For your situation in particular here, it does look like the issues with filtering may be length/trimming/truncation related, it might be worth dropping the ---p-max-len argument and re-trying. How long were you expecting your reads to be?

Venkatakrishna_Jala · April 14, 2023, 6:47pm

Thanks @Keegan-Evans and @ebolyen for replies.
I have been trying different combinations.
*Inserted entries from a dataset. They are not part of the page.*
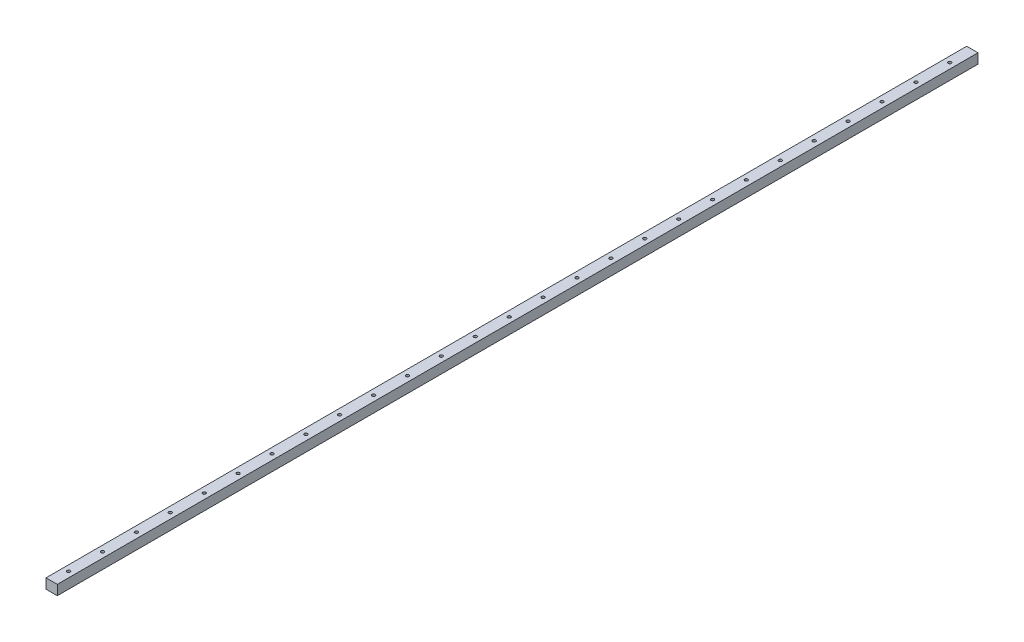
from build123d import *

# Parameters (mm, degrees)
SKETCH_1_W                = 20
SKETCH_1_H                = 17.5
EXTRUDE_1_DEPTH           = 1630
HOLE_WIZARD_1_D           = 5.5
HOLE_WIZARD_1_CBORE_D     = 10
HOLE_WIZARD_1_CBORE_DEPTH = 5.7
PATTERN_LINEAR_1_COUNT    = 27
PATTERN_LINEAR_1_PITCH    = 60


with BuildPart() as part:
    # 草图1 → 凸台-拉伸1 (new body)
    with BuildSketch(Plane.XY):
        with Locations((10, 8.75)):
            Rectangle(SKETCH_1_W, SKETCH_1_H)
    extrude(amount=EXTRUDE_1_DEPTH)

    # 打孔尺寸(%根据)内六角圆柱头螺钉的类型1 (through all)
    with Locations(Plane(origin=(0, 0, 0), x_dir=(-1, 0, 0), z_dir=(0, -1, 0))):
        with Locations((-10, -1600)):
            hole_wizard_1 = CounterBoreHole(HOLE_WIZARD_1_D / 2, HOLE_WIZARD_1_CBORE_D / 2, HOLE_WIZARD_1_CBORE_DEPTH)

    # 阵列(线性)1: 打孔尺寸(%根据)内六角圆柱头螺钉的类型1 ×27
    with Locations(*[(0, 0, -i * PATTERN_LINEAR_1_PITCH) for i in range(1, PATTERN_LINEAR_1_COUNT)]):
        add(hole_wizard_1, mode=Mode.SUBTRACT)


solid = part.part

No luck yet. It may be to do quality scores (I think again). It is dead dropping ..
I see average quality score around 27-30. But still not going through the script.

jwdebelius · April 16, 2023, 3:48pm

Hi @ebolyen,

Sidle is definitely a short read thing, and unfortunately wouldn't help here.

Best,
Justine

Keegan-Evans · April 24, 2023, 5:36pm

@Venkatakrishna_Jala,

I am still looking into this, we have just had a lot going on before the upcoming QIIME 2 release and I have not come up with an answer that I am entirely happy with for you yet, but I am still working on it.